Леся равнодушно, тупо следит за движениями Мика из-под воротника шубки, которой она укрылась. Копна спутанных волос сбилась на плечо, пряди упали на лоб. Глубокие сине-фиолетовые глаза прищурены, пухлая нижняя губа брезгливо подпёрла верхнюю и переломила губы вниз.
— Вставай, Леська! Пойдём ужинать.
— Урвал где-нибудь денег, что ли?
Мик, испугавшись, прекращает вытирать полотенцем лицо и поворачивается к кровати.
— Как? У тебя же оставалось десять франков?
— Ага! Лопнули! Припёрлась прачка да как начала тут вопить, вот я и вынуждена была заткнуть ей пасть этой бумажкой. А у тебя ничего?
— Тридцать пять сантимов.
Леся закидывает руки за голову и зевает.
— Плевать. Присупонь живот.
Мик расставляет ноги и опускает голову.
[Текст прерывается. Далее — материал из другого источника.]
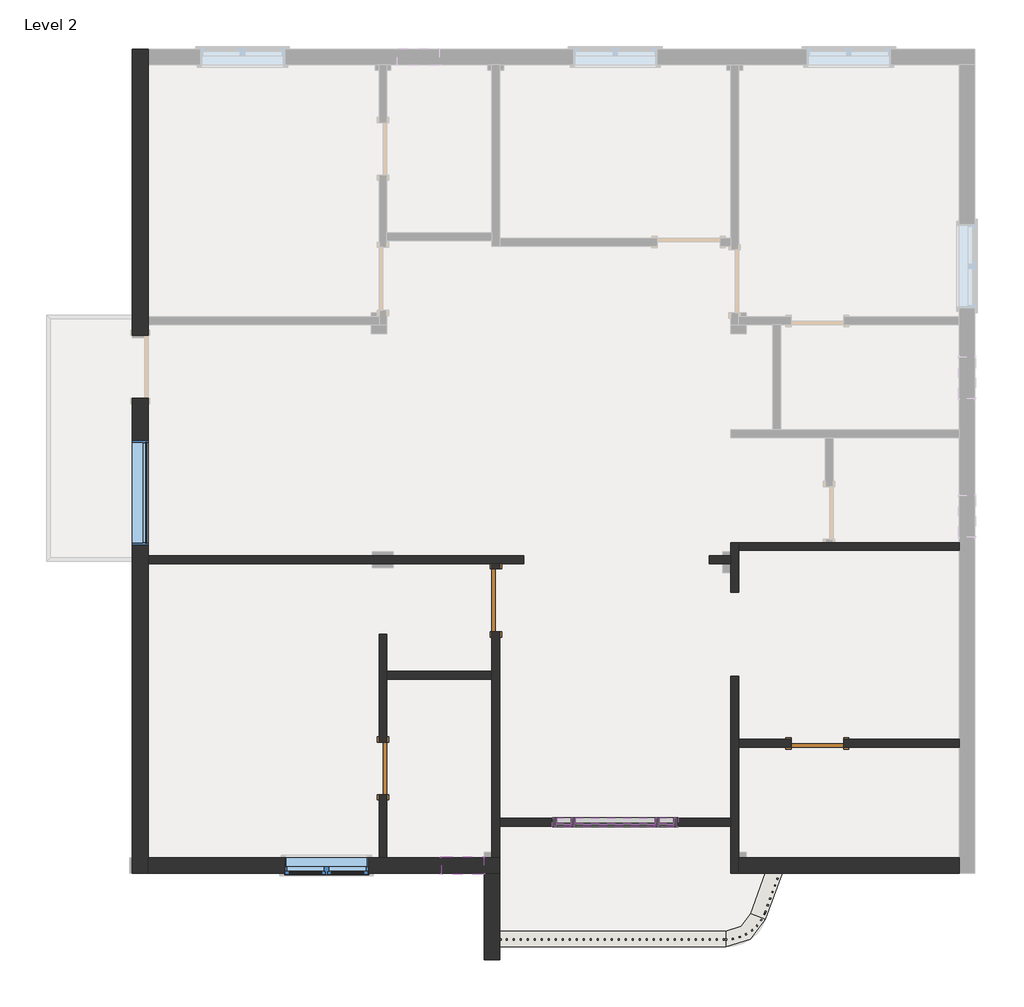
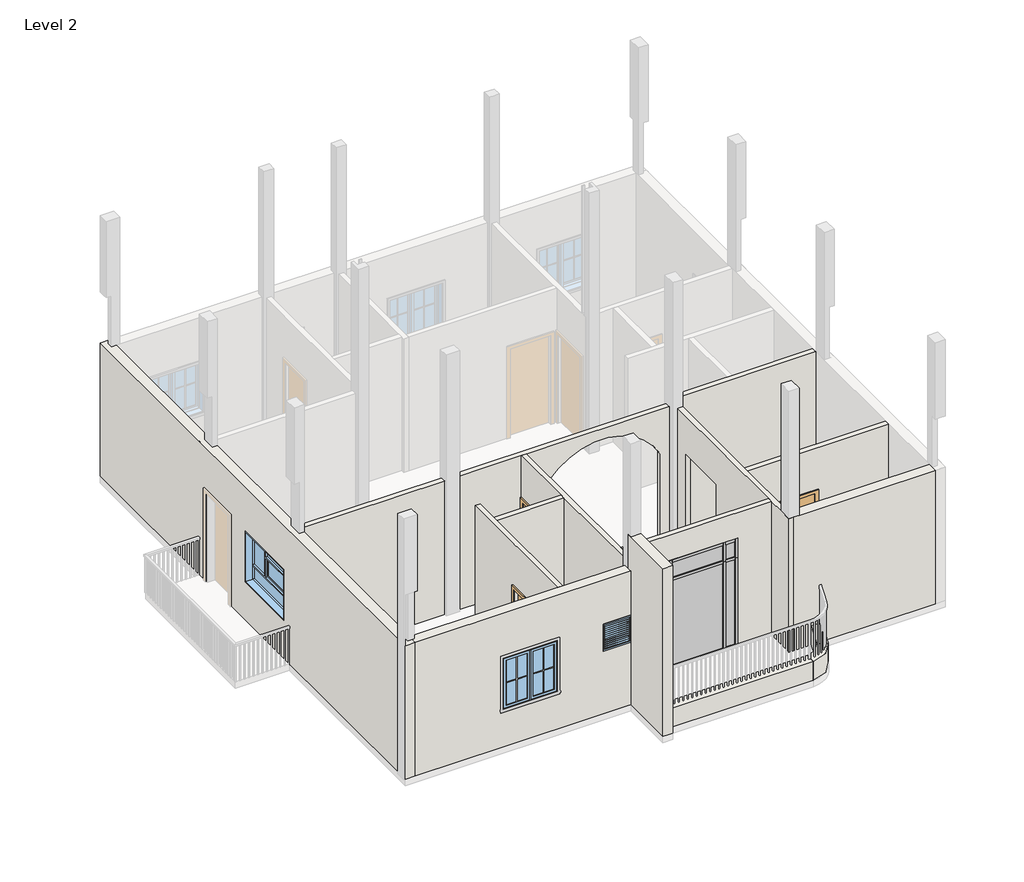
# One storey, part 1 of 4: 17 members, 15 walls, 6 plates, 3 doors, 3 windows.
"""IFC4 building model written with IfcOpenShell, lengths in millimetres."""

from ifc_helpers import new_model, si_unit, point, frame, frame_2d, origin, place, context, project, spatial, polyline, circle_curve, trimmed, segment, composite_curve, outline, extrude, faceted_brep, transform, mapped, element, save
from ifc_brep_helpers import plane_surface, revolved_surface, advanced_brep
from components import door_78caadf7, door_214872d5, door_e5f9f3c4, member_420b45ef, member_7cbddb58, member_a5966c2a, member_0585f7b2, member_d7472725, member_ffd4c858, member_15823cb3, member_3374d9b6, system_panel_glazed_ab75977c, system_panel_glazed_55699693, system_panel_glazed_94a389e0, system_panel_glazed_496eb5f8, window_awning_variable_5_x4_e7258766, window_af3140d2, window_f2d8fef0

model = new_model("IFC4")

# Units and contexts
model_context = context("Model", 3, world=origin())
ifc_project = project(units=[si_unit("LENGTHUNIT", "METRE", prefix="MILLI")], contexts=[model_context])

# Site, building, storey
site = spatial("IfcSite", under=ifc_project)
building = spatial("IfcBuilding", under=site)
storey = spatial("IfcBuildingStorey", under=building, Name="Level 2", Elevation=3200.4)

# Doors
placement = place(None, origin())
door_shape = door_78caadf7(model_context)
element("IfcDoor", 1, ObjectType="Single-Flush : 2'6\"x 7'", at=placement, inside=storey, context=model_context, shape_type="MappedRepresentation", body=[
    mapped(door_shape, transform((-11257.4178125, 3092.216018, 3200.4), x_axis=(0.0, 1.0, 0.0), y_axis=(-1.0, 0.0, 0.0), z_axis=(0.0, 0.0, 1.0))),
])
door_2_shape = door_214872d5(model_context)
element("IfcDoor", 2, ObjectType="Single-Flush : 2'6\"x 7'", at=placement, inside=storey, context=model_context, shape_type="MappedRepresentation", body=[
    mapped(door_2_shape, transform((-4951.8678125, 3454.166018, 3200.4), x_axis=(-1.0, 0.0, 0.0), y_axis=(0.0, -1.0, 0.0), z_axis=(0.0, 0.0, 1.0))),
])
door_3_shape = door_e5f9f3c4(model_context)
element("IfcDoor", 3, ObjectType="Single-Flush : 36\" x 84\"", at=placement, inside=storey, context=model_context, shape_type="MappedRepresentation", body=[
    mapped(door_3_shape, transform((-9619.1178125, 5530.616018, 3200.4), x_axis=(0.0, 1.0, 0.0), y_axis=(-1.0, 0.0, 0.0), z_axis=(0.0, 0.0, 1.0))),
])

# Members
member_shape = member_420b45ef(model_context)
element("IfcMember", 4, ObjectType="Rectangular Mullion : 2.5\" x 5\" rectangular", at=placement, inside=storey, context=model_context, shape_type="MappedRepresentation", body=[
    mapped(member_shape, transform((-8736.4678125, 2311.166018, 5791.2), x_axis=(0.0, 0.0, 1.0), y_axis=(0.0, 1.0, 0.0), z_axis=(-1.0, 0.0, 0.0))),
])
element("IfcMember", 5, ObjectType="Rectangular Mullion : 2.5\" x 5\" rectangular", at=placement, inside=storey, context=model_context, shape_type="MappedRepresentation", body=[
    mapped(member_shape, transform((-7244.2178125, 2311.166018, 5791.2), x_axis=(0.0, 0.0, 1.0), y_axis=(0.0, 1.0, 0.0), z_axis=(-1.0, 0.0, 0.0))),
])
element("IfcMember", 6, ObjectType="Rectangular Mullion : 2.5\" x 5\" rectangular", at=placement, inside=storey, context=model_context, shape_type="MappedRepresentation", body=[
    mapped(member_shape, transform((-7034.6678125, 2311.166018, 3200.4), x_axis=(0.0, 0.0, -1.0), y_axis=(0.0, 1.0, 0.0), z_axis=(1.0, 0.0, 0.0))),
])
element("IfcMember", 7, ObjectType="Rectangular Mullion : 2.5\" x 5\" rectangular", at=placement, inside=storey, context=model_context, shape_type="MappedRepresentation", body=[
    mapped(member_shape, transform((-8526.9178125, 2311.166018, 3200.4), x_axis=(0.0, 0.0, -1.0), y_axis=(0.0, 1.0, 0.0), z_axis=(1.0, 0.0, 0.0))),
])
member_2_shape = member_7cbddb58(model_context)
element("IfcMember", 8, ObjectType="Rectangular Mullion : 2.5\" x 5\" rectangular", at=placement, inside=storey, context=model_context, shape_type="MappedRepresentation", body=[
    mapped(member_2_shape, transform((-7275.9678125, 2311.166018, 3200.4), x_axis=(-1.0, 0.0, 0.0), y_axis=(0.0, 1.0, 0.0), z_axis=(0.0, 0.0, -1.0))),
])
element("IfcMember", 9, ObjectType="Rectangular Mullion : 2.5\" x 5\" rectangular", at=placement, inside=storey, context=model_context, shape_type="MappedRepresentation", body=[
    mapped(member_2_shape, transform((-8495.1678125, 2311.166018, 3200.4), x_axis=(-1.0, 0.0, 0.0), y_axis=(0.0, 1.0, 0.0), z_axis=(0.0, 0.0, -1.0))),
])
member_3_shape = member_a5966c2a(model_context)
element("IfcMember", 10, ObjectType="Rectangular Mullion : 2.5\" x 5\" rectangular", at=placement, inside=storey, context=model_context, shape_type="MappedRepresentation", body=[
    mapped(member_3_shape, transform((-7244.2178125, 2311.166018, 5334.0), x_axis=(0.0, 0.0, 1.0), y_axis=(0.0, 1.0, 0.0), z_axis=(-1.0, 0.0, 0.0))),
])
element("IfcMember", 11, ObjectType="Rectangular Mullion : 2.5\" x 5\" rectangular", at=placement, inside=storey, context=model_context, shape_type="MappedRepresentation", body=[
    mapped(member_3_shape, transform((-8736.4678125, 2311.166018, 5334.0), x_axis=(0.0, 0.0, 1.0), y_axis=(0.0, 1.0, 0.0), z_axis=(-1.0, 0.0, 0.0))),
])
member_4_shape = member_0585f7b2(model_context)
element("IfcMember", 12, ObjectType="Rectangular Mullion : 2.5\" x 5\" rectangular", at=placement, inside=storey, context=model_context, shape_type="MappedRepresentation", body=[
    mapped(member_4_shape, transform((-8463.4178125, 2311.166018, 5334.0), x_axis=(0.0, 0.0, 1.0), y_axis=(0.0, 1.0, 0.0), z_axis=(-1.0, 0.0, 0.0))),
])
member_5_shape = member_d7472725(model_context)
element("IfcMember", 13, ObjectType="Rectangular Mullion : 2.5\" x 5\" rectangular", at=placement, inside=storey, context=model_context, shape_type="MappedRepresentation", body=[
    mapped(member_5_shape, transform((-7307.7178125, 2311.166018, 3200.4), x_axis=(0.0, 0.0, -1.0), y_axis=(0.0, 1.0, 0.0), z_axis=(1.0, 0.0, 0.0))),
])
element("IfcMember", 14, ObjectType="Rectangular Mullion : 2.5\" x 5\" rectangular", at=placement, inside=storey, context=model_context, shape_type="MappedRepresentation", body=[
    mapped(member_5_shape, transform((-8463.4178125, 2311.166018, 5791.2), x_axis=(0.0, 0.0, 1.0), y_axis=(0.0, 1.0, 0.0), z_axis=(-1.0, 0.0, 0.0))),
])
member_6_shape = member_ffd4c858(model_context)
element("IfcMember", 15, ObjectType="Rectangular Mullion : 2.5\" x 5\" rectangular", at=placement, inside=storey, context=model_context, shape_type="MappedRepresentation", body=[
    mapped(member_6_shape, transform((-7275.9678125, 2311.166018, 5334.0), x_axis=(-1.0, 0.0, 0.0), y_axis=(0.0, 1.0, 0.0), z_axis=(0.0, 0.0, -1.0))),
])
element("IfcMember", 16, ObjectType="Rectangular Mullion : 2.5\" x 5\" rectangular", at=placement, inside=storey, context=model_context, shape_type="MappedRepresentation", body=[
    mapped(member_6_shape, transform((-8495.1678125, 2311.166018, 5334.0), x_axis=(-1.0, 0.0, 0.0), y_axis=(0.0, 1.0, 0.0), z_axis=(0.0, 0.0, -1.0))),
])
member_7_shape = member_15823cb3(model_context)
element("IfcMember", 17, ObjectType="Rectangular Mullion : 2.5\" x 5\" rectangular", at=placement, inside=storey, context=model_context, shape_type="MappedRepresentation", body=[
    mapped(member_7_shape, transform((-6971.1678125, 2311.166018, 5791.2), x_axis=(1.0, 0.0, 0.0), y_axis=(0.0, 1.0, 0.0), z_axis=(0.0, 0.0, 1.0))),
])
member_8_shape = member_3374d9b6(model_context)
element("IfcMember", 18, ObjectType="Rectangular Mullion : 2.5\" x 5\" rectangular", at=placement, inside=storey, context=model_context, shape_type="MappedRepresentation", body=[
    mapped(member_8_shape, transform((-8799.9678125, 2311.166018, 3200.4), x_axis=(-1.0, 0.0, 0.0), y_axis=(0.0, 1.0, 0.0), z_axis=(0.0, 0.0, -1.0))),
])
element("IfcMember", 19, ObjectType="Rectangular Mullion : 2.5\" x 5\" rectangular", at=placement, inside=storey, context=model_context, shape_type="MappedRepresentation", body=[
    mapped(member_7_shape, transform((-8799.9678125, 2311.166018, 5334.0), x_axis=(-1.0, 0.0, 0.0), y_axis=(0.0, 1.0, 0.0), z_axis=(0.0, 0.0, -1.0))),
])
element("IfcMember", 20, ObjectType="Rectangular Mullion : 2.5\" x 5\" rectangular", at=placement, inside=storey, context=model_context, shape_type="MappedRepresentation", body=[
    mapped(member_8_shape, transform((-6971.1678125, 2311.166018, 5334.0), x_axis=(1.0, 0.0, 0.0), y_axis=(0.0, 1.0, 0.0), z_axis=(0.0, 0.0, 1.0))),
])

# Plates
system_panel_glazed_shape = system_panel_glazed_ab75977c(model_context)
element("IfcPlate", 21, ObjectType="System Panel : Glazed", at=placement, inside=storey, context=model_context, shape_type="MappedRepresentation", body=[
    mapped(system_panel_glazed_shape, transform((-7139.4428125, 2311.166018, 3263.9), x_axis=(-1.0, 0.0, 0.0), y_axis=(0.0, -1.0, 0.0), z_axis=(0.0, 0.0, 1.0))),
])
element("IfcPlate", 22, ObjectType="System Panel : Glazed", at=placement, inside=storey, context=model_context, shape_type="MappedRepresentation", body=[
    mapped(system_panel_glazed_shape, transform((-8631.6928125, 2311.166018, 3263.9), x_axis=(-1.0, 0.0, 0.0), y_axis=(0.0, -1.0, 0.0), z_axis=(0.0, 0.0, 1.0))),
])
system_panel_glazed_2_shape = system_panel_glazed_55699693(model_context)
element("IfcPlate", 23, ObjectType="System Panel : Glazed", at=placement, inside=storey, context=model_context, shape_type="MappedRepresentation", body=[
    mapped(system_panel_glazed_2_shape, transform((-7885.5678125, 2311.166018, 3263.9), x_axis=(-1.0, 0.0, 0.0), y_axis=(0.0, -1.0, 0.0), z_axis=(0.0, 0.0, 1.0))),
])
system_panel_glazed_3_shape = system_panel_glazed_94a389e0(model_context)
element("IfcPlate", 24, ObjectType="System Panel : Glazed", at=placement, inside=storey, context=model_context, shape_type="MappedRepresentation", body=[
    mapped(system_panel_glazed_3_shape, transform((-7139.4428125, 2311.166018, 5365.75), x_axis=(-1.0, 0.0, 0.0), y_axis=(0.0, -1.0, 0.0), z_axis=(0.0, 0.0, 1.0))),
])
element("IfcPlate", 25, ObjectType="System Panel : Glazed", at=placement, inside=storey, context=model_context, shape_type="MappedRepresentation", body=[
    mapped(system_panel_glazed_3_shape, transform((-8631.6928125, 2311.166018, 5365.75), x_axis=(-1.0, 0.0, 0.0), y_axis=(0.0, -1.0, 0.0), z_axis=(0.0, 0.0, 1.0))),
])
system_panel_glazed_4_shape = system_panel_glazed_496eb5f8(model_context)
element("IfcPlate", 26, ObjectType="System Panel : Glazed", at=placement, inside=storey, context=model_context, shape_type="MappedRepresentation", body=[
    mapped(system_panel_glazed_4_shape, transform((-7885.5678125, 2311.166018, 5365.75), x_axis=(-1.0, 0.0, 0.0), y_axis=(0.0, -1.0, 0.0), z_axis=(0.0, 0.0, 1.0))),
])

# Walls
element("IfcWall", 27, ObjectType="4.5\" wall", at=placement, inside=storey, context=model_context, shape_type="AdvancedBrep", body=[
    advanced_brep(
    [(-14667.3678125, 6064.016018, 3200.4), (-11409.8178125, 6064.016018, 3200.4), (-11105.0178125, 6064.016018, 3200.4), (-9676.2678125, 6064.016018, 3200.4), (-9561.9678125, 6064.016018, 3200.4), (-9216.6666467, 6064.016018, 3200.4), (-9216.6666467, 6064.016018, 5334.0), (-6524.2666467, 6064.016018, 5334.0), (-6524.2666467, 6064.016018, 3200.4), (-6323.4678125, 6064.016018, 3200.4), (-6209.1678125, 6064.016018, 3200.4), (-6209.1678125, 6064.016018, 6400.8), (-6323.4678125, 6064.016018, 6400.8), (-9561.9678125, 6064.016018, 6400.8), (-9676.2678125, 6064.016018, 6400.8), (-11105.0178125, 6064.016018, 6400.8), (-11409.8178125, 6064.016018, 6400.8), (-14667.3678125, 6064.016018, 6400.8), (-14667.3678125, 6178.316018, 3200.4), (-14667.3678125, 6178.316018, 6400.8), (-11409.8178125, 6178.316018, 6400.8), (-11105.0178125, 6178.316018, 6400.8), (-6323.4678125, 6178.316018, 6400.8), (-6209.1678125, 6178.316018, 6400.8), (-6209.1678125, 6178.316018, 3200.4), (-6323.4678125, 6178.316018, 3200.4), (-6524.2666467, 6178.316018, 3200.4), (-6524.2666467, 6178.316018, 5334.0), (-9216.6666467, 6178.316018, 5334.0), (-9216.6666467, 6178.316018, 3200.4), (-11105.0178125, 6178.316018, 3200.4), (-11409.8178125, 6178.316018, 3200.4)],
    [
        (0, 1),
        (1, 2),
        (2, 3),
        (3, 4),
        (4, 5),
        (5, 6),
        (6, 7, circle_curve(frame((-7870.4666467, 6064.016018, 4634.1183788), z_axis=(0.0, 1.0, 0.0), x_axis=(-1.0, 0.0, 0.0)), 1517.2635644)),
        (7, 8),
        (8, 9),
        (9, 10),
        (10, 11),
        (11, 12),
        (12, 13),
        (13, 14),
        (14, 15),
        (15, 16),
        (16, 17),
        (17, 0),
        (18, 19),
        (19, 20),
        (20, 21),
        (21, 22),
        (22, 23),
        (23, 24),
        (24, 25),
        (25, 26),
        (26, 27),
        (27, 28, circle_curve(frame((-7870.4666467, 6178.316018, 4634.1183788), z_axis=(0.0, -1.0, 0.0), x_axis=(-1.0, 0.0, 0.0)), 1517.2635644)),
        (28, 29),
        (29, 30),
        (30, 31),
        (31, 18),
        (17, 19),
        (18, 0),
        (10, 24),
        (23, 11),
        (29, 5),
        (28, 6),
        (27, 7),
        (26, 8),
    ],
    [
        plane_surface(frame((-14781.6678125, 6064.016018, 3200.4), z_axis=(0.0, -1.0, 0.0), x_axis=(1.0, 0.0, 0.0))),
        plane_surface(frame((-14781.6678125, 6178.316018, 3200.4), z_axis=(0.0, 1.0, 0.0), x_axis=(-1.0, 0.0, 0.0))),
        plane_surface(frame((-14667.3678125, 13531.616018, 3200.4), z_axis=(-1.0, 0.0, 0.0), x_axis=(0.0, 1.0, 0.0))),
        plane_surface(frame((-6209.1678125, 6010.7399841, 3200.4), z_axis=(1.0, 0.0, 0.0), x_axis=(0.0, -1.0, 0.0))),
        plane_surface(frame((-14781.6678125, 6064.016018, 3200.4), z_axis=(0.0, 0.0, -1.0), x_axis=(0.0, 1.0, 0.0))),
        plane_surface(frame((-6152.0178125, 6064.016018, 6400.8), z_axis=(0.0, 0.0, 1.0), x_axis=(0.0, 1.0, 0.0))),
        plane_surface(frame((-9216.6666467, 6064.016018, 3200.4), z_axis=(1.0, 0.0, 0.0), x_axis=(0.0, 1.0, 0.0))),
        revolved_surface(polyline([(-9387.730211099999, 6178.316018, 4634.1183788), (-9387.730211099999, 6064.016018, 4634.1183788)]), (-7870.4666467, 6178.316018, 4634.1183788), (0.0, 1.0, 0.0)),
        plane_surface(frame((-6524.2666467, 6064.016018, 5334.0), z_axis=(-1.0, 0.0, 0.0), x_axis=(0.0, 1.0, 0.0))),
        plane_surface(frame((-6524.2666467, 6064.016018, 3200.4), z_axis=(0.0, 0.0, -1.0), x_axis=(0.0, 1.0, 0.0))),
    ],
    [
        (0, [[1, 2, 3, 4, 5, 6, 7, 8, 9, 10, 11, 12, 13, 14, 15, 16, 17, 18]]),
        (1, [[19, 20, 21, 22, 23, 24, 25, 26, 27, 28, 29, 30, 31, 32]]),
        (2, [[-18, 33, -19, 34]]),
        (3, [[-11, 35, -24, 36]]),
        (4, [[-5, -4, -3, -2, -1, -34, -32, -31, -30, 37]]),
        (5, [[-17, -16, -15, -14, -13, -12, -36, -23, -22, -21, -20, -33]]),
        (6, [[-6, -37, -29, 38]]),
        (7, [[-7, -38, -28, 39]]),
        (8, [[-8, -39, -27, 40]]),
        (9, [[-10, -9, -40, -26, -25, -35]]),
    ],
),
])
element("IfcWall", 28, ObjectType="4.5\" wall", at=placement, inside=storey, context=model_context, shape_type="Brep", body=[
    faceted_brep([(-11314.5678125, 5035.316018, 3200.4), (-11314.5678125, 3473.216018, 3200.4), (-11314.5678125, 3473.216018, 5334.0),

Ага, значит, начинает шарить в мозгу, вытаскивая какой-нибудь из сотни своих химерических проектов. Странное дело! Чем сильнее обостряется нужда, тем менее практичны его проекты. Вот сейчас непременно начнёт говорить об «Ателье Счастья».
Мик снова озабоченно и недоуменно встряхивает головой, хмыкает и смотрит в пол.
— Скверное дело! Надо, очевидно, искать деньги.